The opinion of the court was delivered by: CANNELLA
Defendant's motions (1) for an order directing additional pretrial discovery; (2) for in camera inspection of the Grand Jury minutes; (3) to dismiss the indictment or, alternatively, to consolidate Counts One through Nineteen into five counts and sever Counts Twenty through Twenty-eight; and (4) to suppress evidence seized from defendant's law office, are denied. Fed.R.Crim. P. 6, 8, 12, 14, 16.
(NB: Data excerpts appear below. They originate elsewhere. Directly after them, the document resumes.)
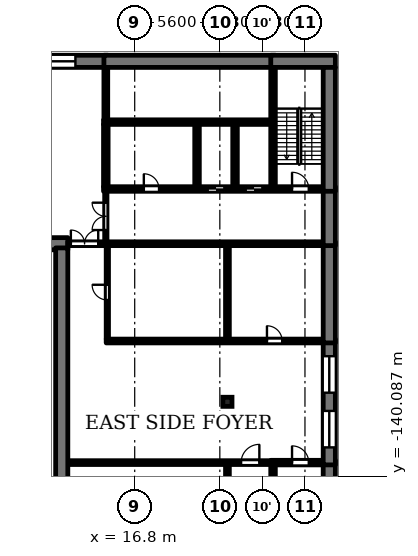
"""IFC4 building model, lengths in metres.
Left out: names, types, materials, properties, quantities, classifications, styles, units other than length and angle.
Written with IfcOpenShell. Run it as: python <this file> out.ifc"""

import sys

from ifc_helpers import new_model, si_unit, direction, frame, frame_2d, origin, origin_2d, place, context, subcontext, project, spatial, rectangle, extrude, element, fill, save


model = new_model("IFC4")
c1 = context("Model", 3, precision=1e-05, world=origin(), true_north=direction((0.0, 1.0)))
c2 = subcontext(c1, "Body", "Model", "MODEL_VIEW")
j1 = project(units=[si_unit("LENGTHUNIT", "METRE"), si_unit("PLANEANGLEUNIT", "RADIAN")], contexts=[c1])
p1 = place(None, origin())
s1 = spatial("IfcSite", under=j1, at=p1, CompositionType="ELEMENT")
p2 = place(p1, origin())
s2 = spatial("IfcBuilding", under=s1, at=p2, CompositionType="ELEMENT")
p3 = place(p2, frame((0.0, 0.0, 16.1)))
s3 = spatial("IfcBuildingStorey", under=s2, at=p3, CompositionType="ELEMENT", Elevation=16.1)
p4 = place(p3, frame((22.9, -135.2, 0.0), z_axis=(0.0, 0.0, 1.0), x_axis=(1.0, 0.0, 0.0)))
e1 = element("IfcColumn", 1, at=p4, inside=s3, PredefinedType="COLUMN", context=c2, shape_type="SweptSolid", body=[
    extrude(rectangle(XDim=0.6, YDim=0.6, at=origin_2d()), origin(), (0.0, 0.0, 1.0), 4.45),
])
p5 = place(p3, frame((12.4, -139.2, 0.0), z_axis=(0.0, 0.0, 1.0), x_axis=(1.0, 0.0, 0.0)))
e2 = element("IfcWall", 2, at=p5, inside=s3, PredefinedType="SOLIDWALL", context=c2, shape_type="SweptSolid", body=[
    extrude(rectangle(XDim=13.35, YDim=0.25, at=frame_2d((6.675, 0.0))), origin(), (0.0, 0.0, 1.0), 4.45),
])
p6 = place(p5, frame((11.4, 0.0, 0.0)))
e3 = element("IfcOpeningElement", 3, at=p6, cuts=e2, PredefinedType="OPENING", context=c2, shape_type="SweptSolid", body=[
    extrude(rectangle(XDim=1.2, YDim=2.1, at=frame_2d((0.6, 1.05))), frame((0.0, 0.135, 0.0), z_axis=(0.0, -1.0, 0.0), x_axis=(1.0, 0.0, 0.0)), (0.0, 0.0, 1.0), 0.27),
])
p7 = place(p3, frame((25.75, -139.2, 0.0), z_axis=(0.0, 0.0, 1.0), x_axis=(1.0, 0.0, 0.0)))
e4 = element("IfcWall", 4, at=p7, inside=s3, PredefinedType="SOLIDWALL", context=c2, shape_type="SweptSolid", body=[
    extrude(rectangle(XDim=3.45, YDim=0.3, at=frame_2d((1.725, 0.0))), origin(), (0.0, 0.0, 1.0), 4.45),
])
p8 = place(p7, frame((1.4, 0.0, 0.0)))
e5 = element("IfcOpeningElement", 5, at=p8, cuts=e4, PredefinedType="OPENING", context=c2, shape_type="SweptSolid", body=[
    extrude(rectangle(XDim=1.1, YDim=2.1, at=frame_2d((0.55, 1.05))), frame((0.0, 0.16, 0.0), z_axis=(0.0, -1.0, 0.0), x_axis=(1.0, 0.0, 0.0)), (0.0, 0.0, 1.0), 0.32),
])
p9 = place(p3, frame((14.925, -131.2, 0.0), z_axis=(0.0, 0.0, 1.0), x_axis=(1.0, 0.0, 0.0)))
e6 = element("IfcWall", 6, at=p9, inside=s3, PredefinedType="SOLIDWALL", context=c2, shape_type="SweptSolid", body=[
    extrude(rectangle(XDim=14.275, YDim=0.25, at=frame_2d((7.137, 0.0))), origin(), (0.0, 0.0, 1.0), 4.45),
])
p10 = place(p9, frame((10.575, 0.0, 0.0)))
e7 = element("IfcOpeningElement", 7, at=p10, cuts=e6, PredefinedType="OPENING", context=c2, shape_type="SweptSolid", body=[
    extrude(rectangle(XDim=1.0, YDim=2.1, at=frame_2d((0.5, 1.05))), frame((0.0, 0.135, 0.0), z_axis=(0.0, -1.0, 0.0), x_axis=(1.0, 0.0, 0.0)), (0.0, 0.0, 1.0), 0.27),
])
p11 = place(p3, frame((-12.4, -124.8, 0.0), z_axis=(0.0, 0.0, 1.0), x_axis=(1.0, 0.0, 0.0)))
e8 = element("IfcWall", 8, at=p11, inside=s3, PredefinedType="SOLIDWALL", context=c2, shape_type="SweptSolid", body=[
    extrude(rectangle(XDim=24.8, YDim=0.8, at=frame_2d((12.4, 0.0))), origin(), (0.0, 0.0, 1.0), 4.8),
])
p12 = place(p3, frame((12.4, -124.8, 0.0), z_axis=(0.0, 0.0, 1.0), x_axis=(1.0, 0.0, 0.0)))
e9 = element("IfcWall", 9, at=p12, inside=s3, PredefinedType="SOLIDWALL", context=c2, shape_type="SweptSolid", body=[
    extrude(rectangle(XDim=16.8, YDim=0.25, at=frame_2d((8.4, 0.0))), origin(), (0.0, 0.0, 1.0), 4.45),
])
p13 = place(p12, frame((0.2, 0.0, 0.0)))
e10 = element("IfcOpeningElement", 10, at=p13, cuts=e9, PredefinedType="OPENING", context=c2, shape_type="SweptSolid", body=[
    extrude(rectangle(XDim=1.8, YDim=2.1, at=frame_2d((0.9, 1.05))), frame((0.0, 0.135, 0.0), z_axis=(0.0, -1.0, 0.0), x_axis=(1.0, 0.0, 0.0)), (0.0, 0.0, 1.0), 0.27),
])
p14 = place(p3, frame((14.75, -121.2, 0.0), z_axis=(0.0, 0.0, 1.0), x_axis=(1.0, 0.0, 0.0)))
e11 = element("IfcWall", 11, at=p14, inside=s3, PredefinedType="SOLIDWALL", context=c2, shape_type="SweptSolid", body=[
    extrude(rectangle(XDim=14.45, YDim=0.3, at=frame_2d((7.225, 0.0))), origin(), (0.0, 0.0, 1.0), 4.45),
])
p15 = place(p14, frame((6.85, 0.0, 0.0)))
e12 = element("IfcOpeningElement", 12, at=p15, cuts=e11, PredefinedType="OPENING", context=c2, shape_type="SweptSolid", body=[
    extrude(rectangle(XDim=1.1, YDim=2.1, at=frame_2d((0.55, 1.05))), frame((0.0, 0.16, 0.0), z_axis=(0.0, -1.0, 0.0), x_axis=(1.0, 0.0, 0.0)), (0.0, 0.0, 1.0), 0.32),
])
p16 = place(p14, frame((9.35, 0.0, 0.0)))
e13 = element("IfcOpeningElement", 13, at=p16, cuts=e11, PredefinedType="OPENING", context=c2, shape_type="SweptSolid", body=[
    extrude(rectangle(XDim=1.1, YDim=2.1, at=frame_2d((0.55, 1.05))), frame((0.0, 0.16, 0.0), z_axis=(0.0, -1.0, 0.0), x_axis=(1.0, 0.0, 0.0)), (0.0, 0.0, 1.0), 0.32),
])
p17 = place(p14, frame((12.4, 0.0, 0.0)))
e14 = element("IfcOpeningElement", 14, at=p17, cuts=e11, PredefinedType="OPENING", context=c2, shape_type="SweptSolid", body=[
    extrude(rectangle(XDim=1.1, YDim=2.1, at=frame_2d((0.55, 1.05))), frame((0.0, 0.16, 0.0), z_axis=(0.0, -1.0, 0.0), x_axis=(1.0, 0.0, 0.0)), (0.0, 0.0, 1.0), 0.32),
])
p18 = place(p14, frame((2.65, 0.0, 0.0)))
e15 = element("IfcOpeningElement", 15, at=p18, cuts=e11, PredefinedType="OPENING", context=c2, shape_type="SweptSolid", body=[
    extrude(rectangle(XDim=1.0, YDim=2.1, at=frame_2d((0.5, 1.05))), frame((0.0, 0.16, 0.0), z_axis=(0.0, -1.0, 0.0), x_axis=(1.0, 0.0, 0.0)), (0.0, 0.0, 1.0), 0.32),
])
p19 = place(p3, frame((14.75, -116.8, 0.0), z_axis=(0.0, 0.0, 1.0), x_axis=(1.0, 0.0, 0.0)))
e16 = element("IfcWall", 16, at=p19, inside=s3, PredefinedType="SOLIDWALL", context=c2, shape_type="SweptSolid", body=[
    extrude(rectangle(XDim=11.0, YDim=0.3, at=frame_2d((5.5, 0.0))), origin(), (0.0, 0.0, 1.0), 4.45),
])
p20 = place(p3, frame((-15.025, -112.8, 0.0), z_axis=(0.0, 0.0, 1.0), x_axis=(1.0, 0.0, 0.0)))
e17 = element("IfcWall", 17, at=p20, inside=s3, PredefinedType="SOLIDWALL", context=c2, shape_type="SweptSolid", body=[
    extrude(rectangle(XDim=30.05, YDim=0.8, at=frame_2d((15.025, 0.0))), origin(), (0.0, 0.0, 1.0), 4.45),
])
p21 = place(p20, frame((2.125, 0.0, 0.9)))
e18 = element("IfcOpeningElement", 18, at=p21, cuts=e17, PredefinedType="OPENING", context=c2, shape_type="SweptSolid", body=[
    extrude(rectangle(XDim=1.8, YDim=1.5, at=frame_2d((0.9, 0.75))), frame((0.0, 0.41, 0.0), z_axis=(0.0, -1.0, 0.0), x_axis=(1.0, 0.0, 0.0)), (0.0, 0.0, 1.0), 0.82),
])
p22 = place(p20, frame((5.125, 0.0, 0.9)))
e19 = element("IfcOpeningElement", 19, at=p22, cuts=e17, PredefinedType="OPENING", context=c2, shape_type="SweptSolid", body=[
    extrude(rectangle(XDim=1.8, YDim=1.5, at=frame_2d((0.9, 0.75))), frame((0.0, 0.41, 0.0), z_axis=(0.0, -1.0, 0.0), x_axis=(1.0, 0.0, 0.0)), (0.0, 0.0, 1.0), 0.82),
])
p23 = place(p20, frame((8.125, 0.0, 0.9)))
e20 = element("IfcOpeningElement", 20, at=p23, cuts=e17, PredefinedType="OPENING", context=c2, shape_type="SweptSolid", body=[
    extrude(rectangle(XDim=1.8, YDim=1.5, at=frame_2d((0.9, 0.75))), frame((0.0, 0.41, 0.0), z_axis=(0.0, -1.0, 0.0), x_axis=(1.0, 0.0, 0.0)), (0.0, 0.0, 1.0), 0.82),
])
p24 = place(p20, frame((11.125, 0.0, 0.9)))
e21 = element("IfcOpeningElement", 21, at=p24, cuts=e17, PredefinedType="OPENING", context=c2, shape_type="SweptSolid", body=[
    extrude(rectangle(XDim=1.8, YDim=1.5, at=frame_2d((0.9, 0.75))), frame((0.0, 0.41, 0.0), z_axis=(0.0, -1.0, 0.0), x_axis=(1.0, 0.0, 0.0)), (0.0, 0.0, 1.0), 0.82),
])
p25 = place(p20, frame((14.125, 0.0, 0.9)))
e22 = element("IfcOpeningElement", 22, at=p25, cuts=e17, PredefinedType="OPENING", context=c2, shape_type="SweptSolid", body=[
    extrude(rectangle(XDim=1.8, YDim=1.5, at=frame_2d((0.9, 0.75))), frame((0.0, 0.41, 0.0), z_axis=(0.0, -1.0, 0.0), x_axis=(1.0, 0.0, 0.0)), (0.0, 0.0, 1.0), 0.82),
])
p26 = place(p20, frame((17.125, 0.0, 0.9)))
e23 = element("IfcOpeningElement", 23, at=p26, cuts=e17, PredefinedType="OPENING", context=c2, shape_type="SweptSolid", body=[
    extrude(rectangle(XDim=1.8, YDim=1.5, at=frame_2d((0.9, 0.75))), frame((0.0, 0.41, 0.0), z_axis=(0.0, -1.0, 0.0), x_axis=(1.0, 0.0, 0.0)), (0.0, 0.0, 1.0), 0.82),
])
p27 = place(p20, frame((20.125, 0.0, 0.9)))
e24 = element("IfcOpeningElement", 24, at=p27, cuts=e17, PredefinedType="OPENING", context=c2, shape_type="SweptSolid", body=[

The indictment in this case charges defendant, a practicing attorney, with nineteen counts of mail and wire fraud, 18 U.S.C. §§ 1341, 1343, 2 (Counts 1-19), nine counts of aiding and abetting the submission of false statements to obtain Social Security cards, 18 U.S.C. §§ 1001, 2 (Counts 20-28), one count of forgery and alteration of documents relating to the registry of aliens, 18 U.S.C. §§ 1426(a), 2 (Count 29), and one count of selling and disposing of forged documents relating to the registry of aliens, 18 U.S.C. § 1426(b) (Count 30).
In essence, defendant is charged with operating a scheme whereby he promised, for a fee, to obtain "employment authorization" for nonimmigrant aliens, which would allow them to remain in the United States and work pending an application for permanent resident alien status. The Government claims that defendant knew that none of these nonimmigrant aliens were entitled to "employment authorization" under the immigration and naturalization laws. The Government also charges that defendant prepared and caused to be prepared false Immigration and Naturalization Service ("INS") rubber-stamp impressions on certain INS I-94 forms and the aliens' passports. Defendant's purpose in causing such false "employment authorization" endorsements, according to the indictment, was that the fraudulent documents would be used by the aliens to work and remain illegally in the United States. Finally, the indictment charges that defendant aided the aliens involved in presenting the falsified documents to the Social Security Administration in support of applications for Social Security cards.
Beginning at 9:00 a.m. on April 8, 1981, INS Criminal Investigator Andrew C. Simon and four other INS agents searched defendant's law office at 551 Grand Street in Manhattan pursuant to a search warrant issued on April 6 by Magistrate Sinclair.
The agents' primary objective was to locate a counterfeit INS "employment authorization" rubber stamp. They also sought an appointment book and office diary, some black pens, and various documents relating to the immigration status of sixteen Filipino nationals whose names were set forth in an exhibit to a rider attached to the warrant. The rider mentioned the following specific property to be seized:
An immigration employment authorization stamp; a stamp pad (blue/purple ink) and other containers of blue/purple ink; a pen desk set (black ink) and any other black ink pens; an appointment book and office diary for period prior to 4/6/81; blank immigration forms; all records and documents relating to the immigration status or INS work status or any immigration petition, document or utterance filed in behalf of and relating to those Philippino (sic) Nationals listed on Exhibit A to this "Rider," including receipt book entries and other records of office receipts and payments for services rendered in connection therewith.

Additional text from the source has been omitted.